One of the big advantages of XML, the possiblity to express a schema for your XML format is at the same time the biggest weakness. The schema (the xsd file) is not part of the configuration file but specified as an external document that is usually loaded from the network (the Internet!).

<web-app xmlns="http://xmlns.jcp.org/xml/ns/javaee"
         xmlns:xsi="http://www.w3.org/2001/XMLSchema-instance"
         xsi:schemaLocation="http://xmlns.jcp.org/xml/ns/javaee
         http://xmlns.jcp.org/xml/ns/javaee/web-app_3_1.xsd"
         version="3.1">
    <servlet>
...
    </servlet>
    <servlet-mapping>
...
    </servlet-mapping>
</web-app>

Basically document could contain any kind of malformed, malicious code which is a potential danger for your infrastructure or to be more precise: the XML parsers contained. Before the cloud era you basically ran your servers inside your network for development teams that you basically trusted to produce no harmful code. Of course this assumption is a false friend but back in the days this was how we rolled. ;)

If you have a look at the above sample web.xml code you might spot the non-encrypted http:// URLs.
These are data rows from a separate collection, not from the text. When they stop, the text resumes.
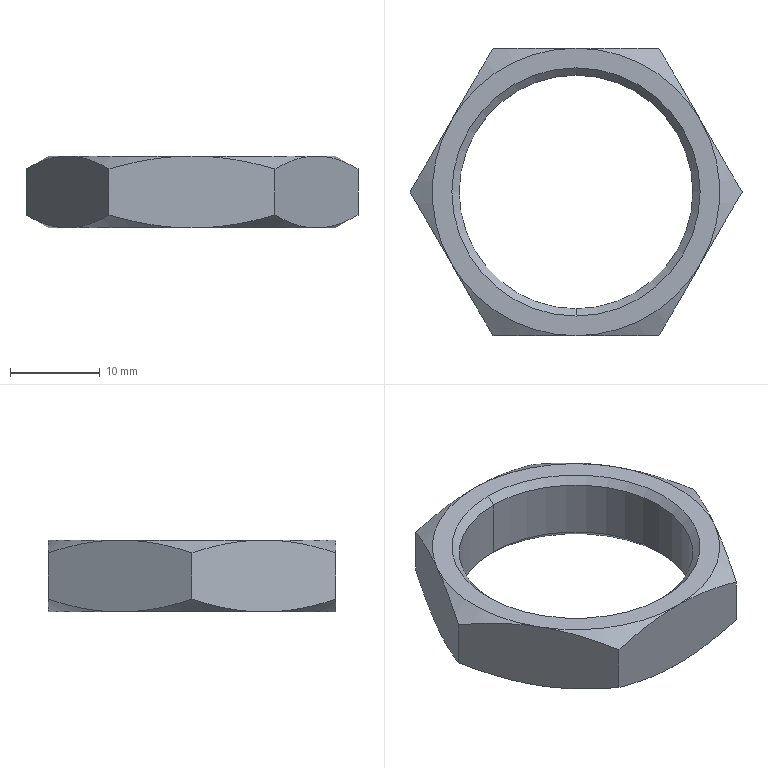Component | SolidWorks | MF_25x50_S_U_M_2_0-1_MF25_M26x1_5_Nut-1 | 1 solid | 26 faces | box 36.95 x 32 x 8 mm | volume 2721 mm3 | cone 16 | plane 8 | cylinder 2 | commonest cylinder face diameters 26 x2
build123d program:
from build123d import *

# Parameters (mm, degrees)
SKETCH2_W      = 64
SKETCH2_H      = 64
EXTRUDE1_DEPTH = 8


with BuildPart() as part:
    # Sketch1 → Revolve1 (revolve)
    with BuildSketch(Plane.XY, mode=Mode.PRIVATE) as revolve1_sk:
        Polygon((0, 0), (0, 16), (1.848, 19.2), (6.152, 19.2), (8, 16), (8, 0), align=None)
    revolve(revolve1_sk.sketch.rotate(Axis((8, 0, 0), (-1, 0, 0)), 270), axis=Axis((8, 0, 0), (-1, 0, 0)))

    # Sketch2 → Extrude1 (cut)
    with BuildSketch(Plane(origin=(0, 0, 0), x_dir=(0, 0, -1), z_dir=(1, 0, 0))):
        Rectangle(SKETCH2_W, SKETCH2_H)
        Polygon((-16, 9.238), (-16, -9.238), (0, -18.475), (16, -9.238), (16, 9.238), (0, 18.475), align=None, mode=Mode.SUBTRACT)
    extrude(amount=EXTRUDE1_DEPTH, mode=Mode.SUBTRACT)

    # Sketch3 → Cut-Revolve1 (revolve, cut)
    with BuildSketch(Plane.XY, mode=Mode.PRIVATE) as cut_revolve1_sk:
        Polygon((0, 0), (0, 13), (0.812, 12.188), (7.188, 12.188), (8, 13), (8, 0), align=None)
    revolve(cut_revolve1_sk.sketch.rotate(Axis((8, 0, 0), (-1, 0, 0)), 270), axis=Axis((8, 0, 0), (-1, 0, 0)), mode=Mode.SUBTRACT)

    # Sketch4 → Thread bore relief to major dia (revolve, cut)
    with BuildSketch(Plane.XY, mode=Mode.PRIVATE) as thread_bore_relief_to_major_dia_sk:
        Polygon((0, 0), (0, 13.812), (0.812, 13), (7.188, 13), (8, 13.812), (8, 0), align=None)
    revolve(thread_bore_relief_to_major_dia_sk.sketch.rotate(Axis((8, 0, 0), (-1, 0, 0)), 90), axis=Axis((8, 0, 0), (-1, 0, 0)), mode=Mode.SUBTRACT)


solid = part.part

# Placed as in the assembly
solid = solid.moved(Location((-102.5, -29.5, 202), (90, 0, 90)))
STEP:
#1=CARTESIAN_POINT('',(-4.035,-1.673,8.236));
#2=VERTEX_POINT('',#1);
#3=CARTESIAN_POINT('',(-4.035,-0.6496,8.236));
#4=VERTEX_POINT('',#3);
#5=CARTESIAN_POINT('',(-4.035,-1.161,8.236));
#6=DIRECTION('',(0.,0.,1.));
#7=DIRECTION('',(0.,1.,0.));
#8=AXIS2_PLACEMENT_3D('',#5,#6,#7);
#9=CIRCLE('',#8,0.5118);
#10=EDGE_CURVE('',#2,#4,#9,.T.);
#11=ORIENTED_EDGE('',*,*,#10,.F.);
#12=CARTESIAN_POINT('',(-4.035,-1.705,8.268));
#13=VERTEX_POINT('',#12);
#14=CARTESIAN_POINT('',(-4.035,-1.705,8.268));
#15=DIRECTION('',(-0.,-0.7071,0.7071));
#16=VECTOR('',#15,39.37);
#17=LINE('',#14,#16);
#18=EDGE_CURVE('',#2,#13,#17,.T.);
#19=ORIENTED_EDGE('',*,*,#18,.T.);
#20=CARTESIAN_POINT('',(-4.035,-0.6176,8.268));
#21=VERTEX_POINT('',#20);
#22=CARTESIAN_POINT('',(-4.035,-1.161,8.268));
#23=DIRECTION('',(0.,0.,1.));
#24=DIRECTION('',(0.,1.,0.));
#25=AXIS2_PLACEMENT_3D('',#22,#23,#24);
#26=CIRCLE('',#25,0.5438);
#27=EDGE_CURVE('',#13,#21,#26,.T.);
#28=ORIENTED_EDGE('',*,*,#27,.T.);
#29=CARTESIAN_POINT('',(-4.035,-0.6176,8.268));
#30=DIRECTION('',(0.,0.7071,0.7071));
#31=VECTOR('',#30,39.37);
#32=LINE('',#29,#31);
#33=EDGE_CURVE('',#4,#21,#32,.T.);
#34=ORIENTED_EDGE('',*,*,#33,.F.);
#35=EDGE_LOOP('',(#11,#19,#28,#34));
#36=FACE_OUTER_BOUND('',#35,.T.);
#37=CARTESIAN_POINT('',(-4.035,-1.161,8.268));
#38=DIRECTION('',(0.,0.,1.));
#39=DIRECTION('',(0.,1.,0.));
#40=AXIS2_PLACEMENT_3D('',#37,#38,#39);
#41=CONICAL_SURFACE('',#40,0.5438,0.7854);
#42=ADVANCED_FACE('',(#36),#41,.F.);
#43=CARTESIAN_POINT('',(-4.035,-1.673,7.985));
#44=VERTEX_POINT('',#43);
#45=CARTESIAN_POINT('',(-4.035,-0.6496,7.985));
#46=VERTEX_POINT('',#45);
#47=CARTESIAN_POINT('',(-4.035,-1.161,7.985));
#48=DIRECTION('',(0.,0.,1.));
#49=DIRECTION('',(0.,1.,0.));
#50=AXIS2_PLACEMENT_3D('',#47,#48,#49);
#51=CIRCLE('',#50,0.5118);
#52=EDGE_CURVE('',#44,#46,#51,.T.);
#53=ORIENTED_EDGE('',*,*,#52,.F.);
#54=CARTESIAN_POINT('',(-4.035,-1.673,8.268));
#55=DIRECTION('',(0.,0.,1.));
#56=VECTOR('',#55,39.37);
#57=LINE('',#54,#56);
#58=EDGE_CURVE('',#44,#2,#57,.T.);
#59=ORIENTED_EDGE('',*,*,#58,.T.);
#60=ORIENTED_EDGE('',*,*,#10,.T.);
#61=CARTESIAN_POINT('',(-4.035,-0.6496,8.268));
#62=DIRECTION('',(0.,0.,1.));
#63=VECTOR('',#62,39.37);
#64=LINE('',#61,#63);
#65=EDGE_CURVE('',#46,#4,#64,.T.);
#66=ORIENTED_EDGE('',*,*,#65,.F.);
#67=EDGE_LOOP('',(#53,#59,#60,#66));
#68=FACE_OUTER_BOUND('',#67,.T.);
#69=CARTESIAN_POINT('',(-4.035,-1.161,8.268));
#70=DIRECTION('',(0.,0.,1.));
#71=DIRECTION('',(0.,1.,0.));
#72=AXIS2_PLACEMENT_3D('',#69,#70,#71);
#73=CYLINDRICAL_SURFACE('',#72,0.5118);
#74=ADVANCED_FACE('',(#68),#73,.F.);
#75=ORIENTED_EDGE('',*,*,#52,.T.);
#76=CARTESIAN_POINT('',(-4.035,-0.6176,7.953));
#77=VERTEX_POINT('',#76);
#78=CARTESIAN_POINT('',(-4.035,-0.6496,7.985));
#79=DIRECTION('',(-0.,0.7071,-0.7071));
#80=VECTOR('',#79,39.37);
#81=LINE('',#78,#80);
#82=EDGE_CURVE('',#46,#77,#81,.T.);
#83=ORIENTED_EDGE('',*,*,#82,.T.);
#84=CARTESIAN_POINT('',(-4.035,-1.705,7.953));
#85=VERTEX_POINT('',#84);
#86=CARTESIAN_POINT('',(-4.035,-1.161,7.953));
#87=DIRECTION('',(0.,0.,1.));
#88=DIRECTION('',(0.,1.,0.));
#89=AXIS2_PLACEMENT_3D('',#86,#87,#88);
#90=CIRCLE('',#89,0.5438);
#91=EDGE_CURVE('',#85,#77,#90,.T.);
#92=ORIENTED_EDGE('',*,*,#91,.F.);
#93=CARTESIAN_POINT('',(-4.035,-1.673,7.985));
#94=DIRECTION('',(-0.,-0.7071,-0.7071));
#95=VECTOR('',#94,39.37);
#96=LINE('',#93,#95);
#97=EDGE_CURVE('',#44,#85,#96,.T.);
#98=ORIENTED_EDGE('',*,*,#97,.F.);
#99=EDGE_LOOP('',(#75,#83,#92,#98));
#100=FACE_OUTER_BOUND('',#99,.T.);
#101=CARTESIAN_POINT('',(-4.035,-1.161,7.985));
#102=DIRECTION('',(-0.,-0.,-1.));
#103=DIRECTION('',(0.,-1.,0.));
#104=AXIS2_PLACEMENT_3D('',#101,#102,#103);
#105=CONICAL_SURFACE('',#104,0.5118,0.7854);
#106=ADVANCED_FACE('',(#100),#105,.F.);
#107=ORIENTED_EDGE('',*,*,#91,.T.);
#108=CARTESIAN_POINT('',(-4.035,-1.161,7.953));
#109=DIRECTION('',(0.,0.,1.));
#110=DIRECTION('',(0.,1.,0.));
#111=AXIS2_PLACEMENT_3D('',#108,#109,#110);
#112=CIRCLE('',#111,0.5438);
#113=EDGE_CURVE('',#77,#85,#112,.T.);
#114=ORIENTED_EDGE('',*,*,#113,.T.);
#115=EDGE_LOOP('',(#107,#114));
#116=FACE_BOUND('',#115,.T.);
#117=CARTESIAN_POINT('',(-4.035,-1.791,7.953));
#118=VERTEX_POINT('',#117);
#119=CARTESIAN_POINT('',(-4.581,-1.476,7.953));
#120=VERTEX_POINT('',#119);
#121=CARTESIAN_POINT('',(-4.035,-1.161,7.953));
#122=DIRECTION('',(-0.,-0.,-1.));
#123=DIRECTION('',(0.,-1.,0.));
#124=AXIS2_PLACEMENT_3D('',#121,#122,#123);
#125=CIRCLE('',#124,0.6299);
#126=EDGE_CURVE('',#118,#120,#125,.T.);
#127=ORIENTED_EDGE('',*,*,#126,.T.);
#128=CARTESIAN_POINT('',(-4.581,-0.8465,7.953));
#129=VERTEX_POINT('',#128);
#130=CARTESIAN_POINT('',(-4.035,-1.161,7.953));
#131=DIRECTION('',(-0.,-0.,-1.));
#132=DIRECTION('',(0.,-1.,0.));
#133=AXIS2_PLACEMENT_3D('',#130,#131,#132);
#134=CIRCLE('',#133,0.6299);
#135=EDGE_CURVE('',#120,#129,#134,.T.);
#136=ORIENTED_EDGE('',*,*,#135,.T.);
#137=CARTESIAN_POINT('',(-4.035,-0.5315,7.953));
#138=VERTEX_POINT('',#137);
#139=CARTESIAN_POINT('',(-4.035,-1.161,7.953));
#140=DIRECTION('',(-0.,-0.,-1.));
#141=DIRECTION('',(0.,-1.,0.));
#142=AXIS2_PLACEMENT_3D('',#139,#140,#141);
#143=CIRCLE('',#142,0.6299);
#144=EDGE_CURVE('',#129,#138,#143,.T.);
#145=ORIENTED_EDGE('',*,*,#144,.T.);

This means that even if that were trusted sites people with access to infastructure could modify the content of the documents to be malicious.

Once services like Google Clould Platform, Heroku and AWS appeared virtually anybody could deploy applications with configuration files to your infrastructure. The risk of attacks via malformed XML/XSD files got much bigger. OWASP is actually listing that attack vector as part of it’s well-known TOP 10 catalogue.

IMHO the very obvious security risk in addition to the points Nicolas mentioned in his post lead to the downfall of XML as a configuration language. But don’t get me wrong - I hate YAML and it’s useless quirks from the bottom of my heart. Somehow it was chosen as an alternative language for structured configuration and things got out of control. Currently I don’t know any good alternative. JSON and TOML are too verbose IMHO, Java property files are not well suited for structured configuration. Maybe the hate energy can be transfered into a working group for some cross-programming-language configuration DSL. We’ll see :)